A few thoughts, you can get the parts cheaper on ebay if you don't mind waiting a few weeks. My to do list is so long, I can wait. You might want to put the component values in your post and mention your LED strip is 12v.

From my view, you can put too many lights in a car or structure. I prefer subtle lighting.

I'm going to order some capacitors from my favorite Chinese vendor. It will soon be time to start on the layout again.


----------



## L0stS0ul

Thanks  

The nice thing about this setup, and this LED strip, is it's extremely easy to customize. If you want fewer lights in the car you can easily use just 2 led sections, cut in half, and use a wire between them to separate and place where you want keeping everything else the same. 

I'll update the post with the component values used. I linked to the exact items used on amazon and digikey. I know you can find them cheaper elsewhere but I tend to be extremely impatient and I usually have 10 projects going on at any given time so when I need something I need it now and Amazon always delivers :smokin: The most expensive item on this list is the capacitor so if you can find that cheaper elsewhere do it.


----------



## 86TA355SR

Certainly a cost effective way to upgrade a lot of passenger cars.

Great work, thanks for sharing with all of us. I know of at least one person this will help!


----------



## BWA

Great article, but, I have one question, can this be done with Hot Chocolate instead of beer, or, do I risk shorting something out doing this???????


----------



## Yellowstone Special

What a great step-by-step "how to" post, and easy to follow with pictures.

Many thanks! :smilie_daumenpos:


----------



## Ricky Tanner

Well done! I've got dozens of passenger cars that need this upgrade! Thanks!:appl:


----------



## gunrunnerjohn

Excellent post, and great pictures.

I will suggest one improvement to the lighting. For an additional small cost, you can add a regulator that will keep the light level constant for varying track power.


----------



## MOVL

Good post. I have many cars that will eventually be converted to LED lighting. Already picked up the LED spool a while ago.


----------



## gunrunnerjohn

Here's a simple circuit that will allow you to power the LED lighting, has DCS signal protection, and provides for constant intensity and you can tune the light level to whatever you like.


----------



## Guest

L0stS0ul, excellent tutorial, thanks for posting!


----------



## L0stS0ul

Nice idea John. I had not thought of using a voltage regulator with this. It would make things more consistent at low voltages when in conventional mode. In your diagram what is the 22uh L1 component?

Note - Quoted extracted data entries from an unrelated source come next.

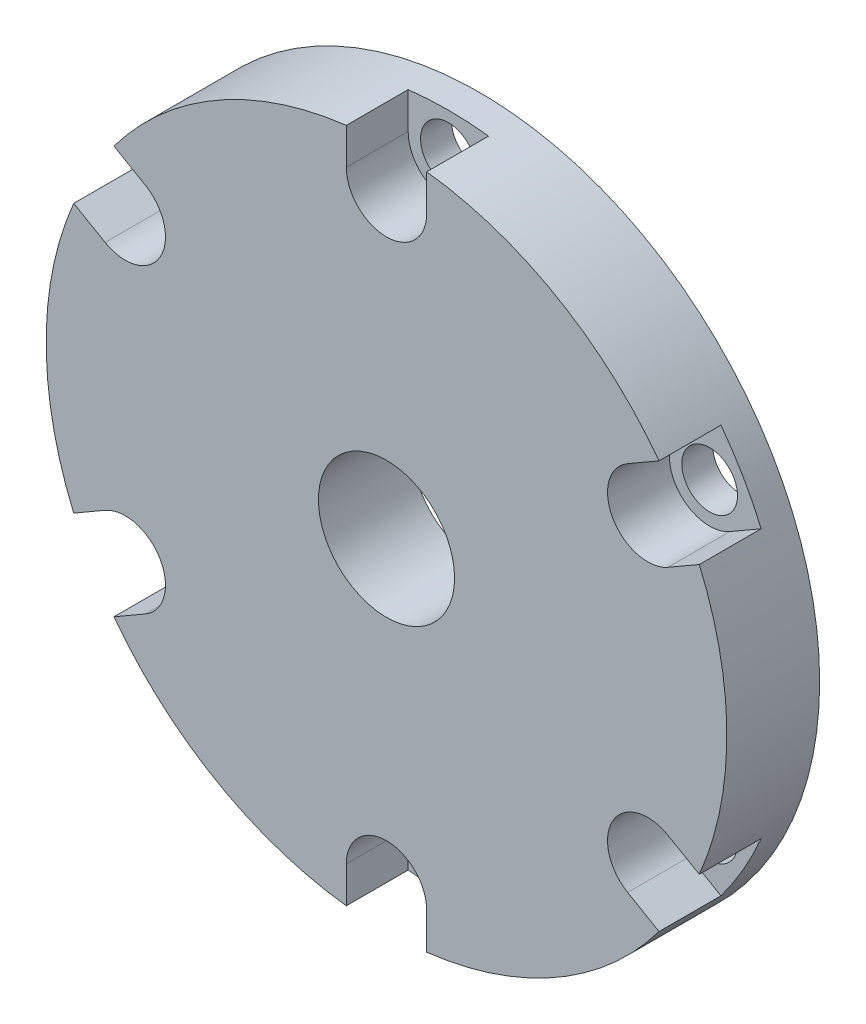
from build123d import *

# Parameters (mm, degrees)
SKETCH1_R           = 110
SKETCH1_R_2         = 9
SKETCH1_R_3         = 22
BOSS_EXTRUDE1_DEPTH = 30
CUT_EXTRUDE1_DEPTH  = 20


with BuildPart() as part:
    # Sketch1 → Boss-Extrude1 (new body)
    with BuildSketch(Plane.XY):
        Circle(SKETCH1_R)
        with Locations((0, 97.5)):
            Circle(SKETCH1_R_2, mode=Mode.SUBTRACT)
        with Locations((84.437476869, 48.75)):
            Circle(SKETCH1_R_2, mode=Mode.SUBTRACT)
        with Locations((84.437476869, -48.75)):
            Circle(SKETCH1_R_2, mode=Mode.SUBTRACT)
        with Locations((0, -97.5)):
            Circle(SKETCH1_R_2, mode=Mode.SUBTRACT)
        with Locations((-84.437476869, -48.75)):
            Circle(SKETCH1_R_2, mode=Mode.SUBTRACT)
        with Locations((-84.437476869, 48.75)):
            Circle(SKETCH1_R_2, mode=Mode.SUBTRACT)
        Circle(SKETCH1_R_3, mode=Mode.SUBTRACT)
    extrude(amount=BOSS_EXTRUDE1_DEPTH)

    # Sketch2 → Cut-Extrude1 (cut)
    with BuildSketch(Plane.XY.offset(30)):
        with BuildLine():
            Line((-13, 97.5), (-13, 114.531439902))
            Line((-13, 114.531439902), (13, 114.531439902))
            Line((13, 114.531439902), (13, 97.5))
            ThreePointArc((13, 97.5), (0, 84.5), (-13, 97.5))
        make_face()
        with BuildLine():
            Line((105.687136487, 46.007389702), (90.937476869, 37.491669751))
            ThreePointArc((90.937476869, 37.491669751), (73.17914662, 42.25), (77.937476869, 60.008330249))
            Line((77.937476869, 60.008330249), (92.687136487, 68.5240502))
            Line((92.687136487, 68.5240502), (105.687136487, 46.007389702))
        make_face()
        with BuildLine():
            Line((92.687136487, -68.5240502), (77.937476869, -60.008330249))
            ThreePointArc((77.937476869, -60.008330249), (73.17914662, -42.25), (90.937476869, -37.491669751))
            Line((90.937476869, -37.491669751), (105.687136487, -46.007389702))
            Line((105.687136487, -46.007389702), (92.687136487, -68.5240502))
        make_face()
        with BuildLine():
            Line((-13, -114.531439902), (-13, -97.5))
            ThreePointArc((-13, -97.5), (0, -84.5), (13, -97.5))
            Line((13, -97.5), (13, -114.531439902))
            Line((13, -114.531439902), (-13, -114.531439902))
        make_face()
        with BuildLine():
            Line((-105.687136487, -46.007389702), (-90.937476869, -37.491669751))
            ThreePointArc((-90.937476869, -37.491669751), (-73.17914662, -42.25), (-77.937476869, -60.008330249))
            Line((-77.937476869, -60.008330249), (-92.687136487, -68.5240502))
            Line((-92.687136487, -68.5240502), (-105.687136487, -46.007389702))
        make_face()
        with BuildLine():
            Line((-92.687136487, 68.5240502), (-77.937476869, 60.008330249))
            ThreePointArc((-77.937476869, 60.008330249), (-73.17914662, 42.25), (-90.937476869, 37.491669751))
            Line((-90.937476869, 37.491669751), (-105.687136487, 46.007389702))
            Line((-105.687136487, 46.007389702), (-92.687136487, 68.5240502))
        make_face()
    extrude(amount=-CUT_EXTRUDE1_DEPTH, mode=Mode.SUBTRACT)


solid = part.part

I figured out all of the other parts but not sure what that is or what it's used for. 

So far I've not noticed any issues running the current setup described in the first post on my track with DCS or conventional.

I'm glad you all like it. This setup is working really well for me and most important it's cheap


----------



## L0stS0ul

BWA said:


> Great article, but, I have one question, can this be done with Hot Chocolate instead of beer, or, do I risk shorting something out doing this???????


Any beverage of choice will work.


----------



## Patrick1544

Thanks for the info and instruction photos.


----------



## Bob Phillips

GRJ will Hennings have car LED light kits at york?


----------



## Pingman

With the benefit of gunrunnerjohn's expertise, I was able to convert 15 PW 2500 series 15" aluminum passenger cars to LED lighting thereby greatly reducing the current necessary to light the cars and to provide even lighting throughout each car and, perhaps more importantly, eliminating the "hotspot" lighting and flicker typical of the incandescent OEM lighting.

Also, having followed many similar threads on OGR, the reality is that not all passenger cars can be converted with a "one size fits all" solution. For example, disassembling and reassembling a PW aluminum passenger car is different from the example LOstSoul shows which necessitates some difference in how the p/u rollers are wired. 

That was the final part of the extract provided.